Pledge Therapeutics is a clinical-stage biopharmaceutical company focused on developing novel therapies for serious diseases where current treatments do not fully address patient needs. The company aims to bring drug candidates with innovative mechanisms of action into clinical development, ultimately seeking to improve the lives of patients suffering from challenging conditions. Headquartered in Greater Boston, with an additional research and development branch located in Leuven, Belgium, Pledge Therapeutics is dedicated to advancing new medicines.
The PLEDGE™ Technology Platform
Pledge Therapeutics employs a sophisticated technology platform, PLEDGE™, which integrates structure-based drug design with biophysics to create treatments for difficult therapeutic targets. This platform emphasizes clinically validated targets, utilizing advanced biophysical and orthogonal technologies to determine the high-resolution atomic structures of drugs when bound to their protein targets. This detailed structural insight significantly accelerates the drug discovery process, allowing for a more precise design of novel compounds.
A primary focus of this platform is on modulating protein-protein interactions (PPIs), which are fundamental to various cellular activities and play roles in both health and disease states. Historically, targeting PPIs for drug development has been challenging because their binding interfaces are often large, flat, and lack distinct pockets, leading them to be considered “undruggable” for many years. Pledge Therapeutics overcomes this by developing “allosteric binders” or modulators.
Allosteric modulators interact with a protein at a site distinct from its primary binding location, inducing a conformational change that influences the protein’s function. This mechanism is analogous to a dimmer switch for a light, where adjusting a separate control changes the light’s intensity rather than simply turning it on or off. This approach allows for more nuanced control over protein activity and can lead to drugs with improved properties. Through extensive screening, Pledge Therapeutics has analyzed over 75,000 cysteine residues on approximately 12,500 proteins, identifying more than 800 novel binding pockets across 250 validated targets. From these, they have identified small molecules that bind to over 100 unique pockets across more than 80 priority targets.
Focus on Fibrotic and Inflammatory Diseases
Fibrosis, also known as fibrotic scarring, represents a pathological process characterized by the excessive accumulation of fibrous connective tissue, primarily collagen, in response to injury or chronic inflammation. This abnormal deposition of extracellular matrix proteins results in the hardening and scarring of affected tissues and organs. As the fibrotic process advances, it can severely impair organ function and, in many cases, lead to organ failure and death.
This condition can impact nearly any tissue in the body, including the lungs, liver, and kidneys. For instance, idiopathic pulmonary fibrosis (IPF) is a progressive lung disease marked by relentless scarring of lung tissue, which diminishes quality of life and often results in early mortality. In the heart, cardiac fibrosis can stiffen heart valves and muscle, raising the risk of heart failure. Fibrosis is also a common feature in numerous chronic inflammatory diseases, such as scleroderma and rheumatoid arthritis.
Key Drug Candidates in Development
Pledge Therapeutics focuses on developing small molecule drugs that engage specific targets to produce a profound disease-modifying effect. Their strategy involves tackling challenging drug targets that have previously been out of therapeutic reach.
For fibrotic diseases like idiopathic pulmonary fibrosis (IPF), a drug developed using the PLEDGE™ platform would aim to modulate protein interactions involved in the excessive deposition of collagen and other extracellular matrix components. Such a therapeutic approach would seek to intervene in the aberrant wound healing response that drives fibrosis, potentially by targeting specific signaling pathways that activate myofibroblasts, the cells responsible for producing fibrotic tissue. The goal would be to slow or halt disease progression by restoring a more balanced tissue repair process.

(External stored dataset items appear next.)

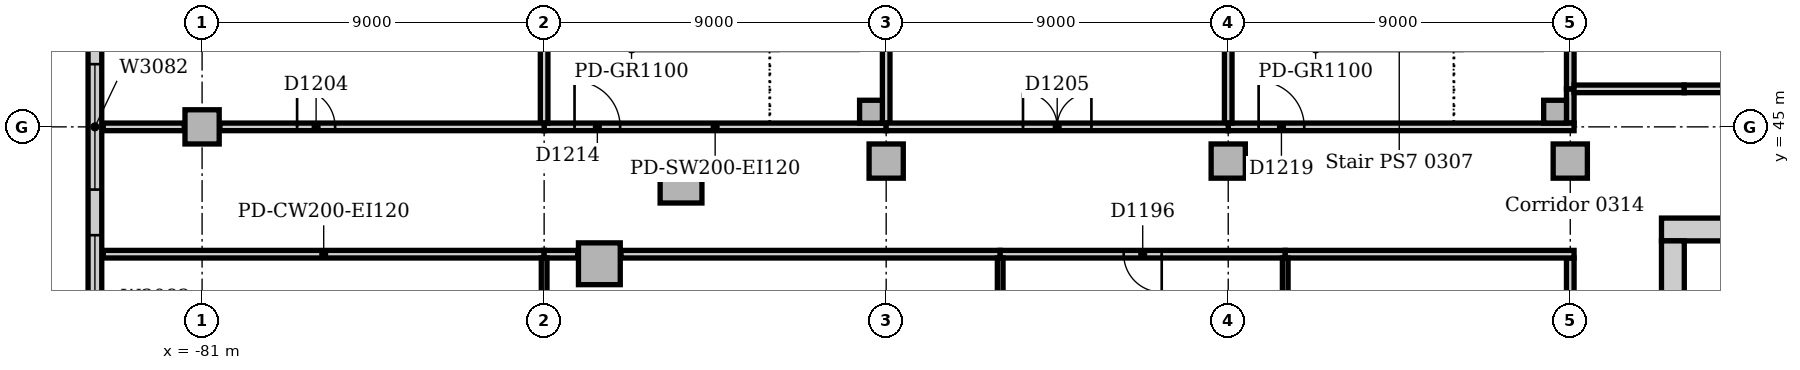
"""IFC4 building model, lengths in metres.
Left out: names, types, materials, properties, quantities, classifications, styles, units other than length and angle.
Written with IfcOpenShell. Run it as: python <this file> out.ifc"""

import sys

from ifc_helpers import new_model, si_unit, direction, frame, frame_2d, origin, origin_2d, place, context, subcontext, project, spatial, rectangle, extrude, element, fill, save


model = new_model("IFC4")
c1 = context("Model", 3, precision=1e-05, world=origin(), true_north=direction((0.0, 1.0)))
c2 = subcontext(c1, "Body", "Model", "MODEL_VIEW")
j1 = project(units=[si_unit("LENGTHUNIT", "METRE"), si_unit("PLANEANGLEUNIT", "RADIAN")], contexts=[c1])
p1 = place(None, origin())
s1 = spatial("IfcSite", under=j1, at=p1, CompositionType="ELEMENT")
p2 = place(p1, origin())
s2 = spatial("IfcBuilding", under=s1, at=p2, CompositionType="ELEMENT")
p3 = place(p2, frame((0.0, 0.0, 16.0)))
s3 = spatial("IfcBuildingStorey", under=s2, at=p3, CompositionType="ELEMENT", Elevation=16.0)
p4 = place(p3, frame((-30.9, 42.3, 0.0), z_axis=(0.0, 0.0, 1.0), x_axis=(-1.0, 0.0, 0.0)))
e1 = element("IfcWall", 1, at=p4, inside=s3, PredefinedType="SOLIDWALL", context=c2, shape_type="SweptSolid", body=[
    extrude(rectangle(XDim=11.7, YDim=0.6, at=frame_2d((5.85, 0.0))), origin(), (0.0, 0.0, 1.0), 5.0),
])
p5 = place(p3, frame((-42.3, 42.0, 0.0), z_axis=(0.0, 0.0, 1.0), x_axis=(0.0, -1.0, 0.0)))
e2 = element("IfcWall", 2, at=p5, inside=s3, PredefinedType="SOLIDWALL", context=c2, shape_type="SweptSolid", body=[
    extrude(rectangle(XDim=11.5, YDim=0.6, at=frame_2d((5.75, 0.0))), origin(), (0.0, 0.0, 1.0), 5.0),
])
p6 = place(p5, frame((8.85, 0.0, 0.0)))
e3 = element("IfcOpeningElement", 3, at=p6, cuts=e2, PredefinedType="OPENING", context=c2, shape_type="SweptSolid", body=[
    extrude(rectangle(XDim=1.8, YDim=2.1, at=frame_2d((0.9, 1.05))), frame((0.0, 0.31, 0.0), z_axis=(0.0, -1.0, 0.0), x_axis=(1.0, 0.0, 0.0)), (0.0, 0.0, 1.0), 0.62),
])
for number, where, z_axis, x_axis in (
    (4, (-68.398, 43.547, 0.0), (0.0, 0.0, 1.0), (1.0, 0.0, 0.0)),
    (5, (-70.547, 41.398, 0.0), (0.0, 0.0, 1.0), (1.0, 0.0, 0.0)),
):
    element("IfcColumn", number, at=place(p3, frame(where, z_axis=z_axis, x_axis=x_axis)), inside=s3, PredefinedType="COLUMN", context=c2, shape_type="SweptSolid", body=[
        extrude(rectangle(XDim=1.1, YDim=1.1, at=origin_2d()), origin(), (0.0, 0.0, 1.0), 4.7),
    ])
for number, where, z_axis, x_axis in (
    (6, (-63.0, 44.1, 0.0), (0.0, 0.0, 1.0), (1.0, 0.0, 0.0)),
    (7, (-54.0, 44.1, 0.0), (0.0, 0.0, 1.0), (1.0, 0.0, 0.0)),
    (8, (-45.0, 44.1, 0.0), (0.0, 0.0, 1.0), (1.0, 0.0, 0.0)),
    (9, (-81.0, 45.0, 0.0), (0.0, 0.0, 1.0), (1.0, 0.0, 0.0)),
):
    element("IfcColumn", number, at=place(p3, frame(where, z_axis=z_axis, x_axis=x_axis)), inside=s3, PredefinedType="COLUMN", context=c2, shape_type="SweptSolid", body=[
        extrude(rectangle(XDim=0.9, YDim=0.9, at=origin_2d()), origin(), (0.0, 0.0, 1.0), 4.7),
    ])
p7 = place(p3, frame((-83.82, 54.0, 0.0), z_axis=(0.0, 0.0, 1.0), x_axis=(0.0, -1.0, 0.0)))
e10 = element("IfcWall", 10, at=p7, inside=s3, PredefinedType="STANDARD", context=c2, shape_type="SweptSolid", body=[
    extrude(rectangle(XDim=63.0, YDim=0.36, at=frame_2d((31.5, 0.0))), origin(), (0.0, 0.0, 1.0), 4.7),
])
p8 = place(p7, frame((2.85, 0.0, 0.9)))
e11 = element("IfcOpeningElement", 11, at=p8, cuts=e10, PredefinedType="OPENING", context=c2, shape_type="SweptSolid", body=[
    extrude(rectangle(XDim=3.3, YDim=2.4, at=frame_2d((1.65, 1.2))), frame((0.0, 0.19, 0.0), z_axis=(0.0, -1.0, 0.0), x_axis=(1.0, 0.0, 0.0)), (0.0, 0.0, 1.0), 0.38),
])
p9 = place(p7, frame((7.35, 0.0, 0.9)))
e12 = element("IfcOpeningElement", 12, at=p9, cuts=e10, PredefinedType="OPENING", context=c2, shape_type="SweptSolid", body=[
    extrude(rectangle(XDim=3.3, YDim=2.4, at=frame_2d((1.65, 1.2))), frame((0.0, 0.19, 0.0), z_axis=(0.0, -1.0, 0.0), x_axis=(1.0, 0.0, 0.0)), (0.0, 0.0, 1.0), 0.38),
])
p10 = place(p7, frame((11.85, 0.0, 0.9)))
e13 = element("IfcOpeningElement", 13, at=p10, cuts=e10, PredefinedType="OPENING", context=c2, shape_type="SweptSolid", body=[
    extrude(rectangle(XDim=3.3, YDim=2.4, at=frame_2d((1.65, 1.2))), frame((0.0, 0.19, 0.0), z_axis=(0.0, -1.0, 0.0), x_axis=(1.0, 0.0, 0.0)), (0.0, 0.0, 1.0), 0.38),
])
p11 = place(p7, frame((16.35, 0.0, 0.9)))
e14 = element("IfcOpeningElement", 14, at=p11, cuts=e10, PredefinedType="OPENING", context=c2, shape_type="SweptSolid", body=[
    extrude(rectangle(XDim=3.3, YDim=2.4, at=frame_2d((1.65, 1.2))), frame((0.0, 0.19, 0.0), z_axis=(0.0, -1.0, 0.0), x_axis=(1.0, 0.0, 0.0)), (0.0, 0.0, 1.0), 0.38),
])
p12 = place(p7, frame((20.85, 0.0, 0.9)))
e15 = element("IfcOpeningElement", 15, at=p12, cuts=e10, PredefinedType="OPENING", context=c2, shape_type="SweptSolid", body=[
    extrude(rectangle(XDim=3.3, YDim=2.4, at=frame_2d((1.65, 1.2))), frame((0.0, 0.19, 0.0), z_axis=(0.0, -1.0, 0.0), x_axis=(1.0, 0.0, 0.0)), (0.0, 0.0, 1.0), 0.38),
])
p13 = place(p7, frame((25.35, 0.0, 0.9)))
e16 = element("IfcOpeningElement", 16, at=p13, cuts=e10, PredefinedType="OPENING", context=c2, shape_type="SweptSolid", body=[
    extrude(rectangle(XDim=3.3, YDim=2.4, at=frame_2d((1.65, 1.2))), frame((0.0, 0.19, 0.0), z_axis=(0.0, -1.0, 0.0), x_axis=(1.0, 0.0, 0.0)), (0.0, 0.0, 1.0), 0.38),
])
p14 = place(p7, frame((29.85, 0.0, 0.9)))
e17 = element("IfcOpeningElement", 17, at=p14, cuts=e10, PredefinedType="OPENING", context=c2, shape_type="SweptSolid", body=[
    extrude(rectangle(XDim=3.3, YDim=2.4, at=frame_2d((1.65, 1.2))), frame((0.0, 0.19, 0.0), z_axis=(0.0, -1.0, 0.0), x_axis=(1.0, 0.0, 0.0)), (0.0, 0.0, 1.0), 0.38),
])
p15 = place(p7, frame((34.35, 0.0, 0.9)))
e18 = element("IfcOpeningElement", 18, at=p15, cuts=e10, PredefinedType="OPENING", context=c2, shape_type="SweptSolid", body=[
    extrude(rectangle(XDim=3.3, YDim=2.4, at=frame_2d((1.65, 1.2))), frame((0.0, 0.19, 0.0), z_axis=(0.0, -1.0, 0.0), x_axis=(1.0, 0.0, 0.0)), (0.0, 0.0, 1.0), 0.38),
])
p16 = place(p7, frame((38.85, 0.0, 0.9)))
e19 = element("IfcOpeningElement", 19, at=p16, cuts=e10, PredefinedType="OPENING", context=c2, shape_type="SweptSolid", body=[
    extrude(rectangle(XDim=3.3, YDim=2.4, at=frame_2d((1.65, 1.2))), frame((0.0, 0.19, 0.0), z_axis=(0.0, -1.0, 0.0), x_axis=(1.0, 0.0, 0.0)), (0.0, 0.0, 1.0), 0.38),
])
p17 = place(p7, frame((43.35, 0.0, 0.9)))
e20 = element("IfcOpeningElement", 20, at=p17, cuts=e10, PredefinedType="OPENING", context=c2, shape_type="SweptSolid", body=[
    extrude(rectangle(XDim=3.3, YDim=2.4, at=frame_2d((1.65, 1.2))), frame((0.0, 0.19, 0.0), z_axis=(0.0, -1.0, 0.0), x_axis=(1.0, 0.0, 0.0)), (0.0, 0.0, 1.0), 0.38),
])
p18 = place(p7, frame((47.85, 0.0, 0.9)))
e21 = element("IfcOpeningElement", 21, at=p18, cuts=e10, PredefinedType="OPENING", context=c2, shape_type="SweptSolid", body=[
    extrude(rectangle(XDim=3.3, YDim=2.4, at=frame_2d((1.65, 1.2))), frame((0.0, 0.19, 0.0), z_axis=(0.0, -1.0, 0.0), x_axis=(1.0, 0.0, 0.0)), (0.0, 0.0, 1.0), 0.38),
])
p19 = place(p7, frame((52.35, 0.0, 0.9)))
e22 = element("IfcOpeningElement", 22, at=p19, cuts=e10, PredefinedType="OPENING", context=c2, shape_type="SweptSolid", body=[
    extrude(rectangle(XDim=3.3, YDim=2.4, at=frame_2d((1.65, 1.2))), frame((0.0, 0.19, 0.0), z_axis=(0.0, -1.0, 0.0), x_axis=(1.0, 0.0, 0.0)), (0.0, 0.0, 1.0), 0.38),
])
p20 = place(p7, frame((56.85, 0.0, 0.9)))
e23 = element("IfcOpeningElement", 23, at=p20, cuts=e10, PredefinedType="OPENING", context=c2, shape_type="SweptSolid", body=[
    extrude(rectangle(XDim=3.3, YDim=2.4, at=frame_2d((1.65, 1.2))), frame((0.0, 0.19, 0.0), z_axis=(0.0, -1.0, 0.0), x_axis=(1.0, 0.0, 0.0)), (0.0, 0.0, 1.0), 0.38),
])
for number, where, z_axis, x_axis in (
    (24, (-63.4, 45.4, 0.0), (0.0, 0.0, 1.0), (1.0, 0.0, 0.0)),
    (25, (-45.4, 45.4, 0.0), (0.0, 0.0, 1.0), (1.0, 0.0, 0.0)),
):
    element("IfcColumn", number, at=place(p3, frame(where, z_axis=z_axis, x_axis=x_axis)), inside=s3, PredefinedType="COLUMN", context=c2, shape_type="SweptSolid", body=[
        extrude(rectangle(XDim=0.6, YDim=0.6, at=origin_2d()), origin(), (0.0, 0.0, 1.0), 5.0),
    ])
p21 = place(p3, frame((-72.0, 45.0, 0.0), z_axis=(0.0, 0.0, 1.0), x_axis=(1.0, 0.0, 0.0)))
e26 = element("IfcWall", 26, at=p21, inside=s3, PredefinedType="SOLIDWALL", context=c2, shape_type="SweptSolid", body=[
    extrude(rectangle(XDim=9.0, YDim=0.2, at=frame_2d((4.5, 0.0))), origin(), (0.0, 0.0, 1.0), 4.7),
])
p22 = place(p21, frame((0.8, 0.0, 0.0)))
e27 = element("IfcOpeningElement", 27, at=p22, cuts=e26, PredefinedType="OPENING", context=c2, shape_type="SweptSolid", body=[
    extrude(rectangle(XDim=1.2, YDim=2.1, at=frame_2d((0.6, 1.05))), frame((0.0, 0.11, 0.0), z_axis=(0.0, -1.0, 0.0), x_axis=(1.0, 0.0, 0.0)), (0.0, 0.0, 1.0), 0.22),
])
p23 = place(p3, frame((-72.0, 45.1, 0.0), z_axis=(0.0, 0.0, 1.0), x_axis=(0.0, 1.0, 0.0)))
e28 = element("IfcWall", 28, at=p23, inside=s3, PredefinedType="SOLIDWALL", context=c2, shape_type="SweptSolid", body=[
    extrude(rectangle(XDim=5.25, YDim=0.2, at=frame_2d((2.625, 0.0))), origin(), (0.0, 0.0, 1.0), 4.7),
])
p24 = place(p3, frame((-63.0, 45.1, 0.0), z_axis=(0.0, 0.0, 1.0), x_axis=(0.0, 1.0, 0.0)))
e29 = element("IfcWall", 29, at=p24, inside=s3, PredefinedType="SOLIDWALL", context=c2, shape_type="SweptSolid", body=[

Clinical Trial Progress and Collaborations
Pledge Therapeutics operates as a clinical-stage biopharmaceutical company, with a strategic objective to advance drug candidates closer to clinical translation, making them suitable for co-development. The company’s experienced team has a track record of progressing multiple drug candidates into clinical trials.
Pledge Therapeutics also indicates a broader portfolio that includes first-in-class immune-oncology and antiviral medicinal assets, developed through their integrated ventures like Conformation-X and Orthogon Therapeutics. Pledge Therapeutics also manages independent biotech ventures, including Orthogon Therapeutics, which specializes in antiviral treatments, and Conformation-X, dedicated to advancements in immune-oncology. Conformation-X recently secured over $13.5 million in funding, demonstrating progress in its programs. This affiliate has disclosed successful ex vivo and in vivo proof-of-concept studies for its lead immune-oncology assets, including a potent HHLA2-inhibitor and IL18BP programs.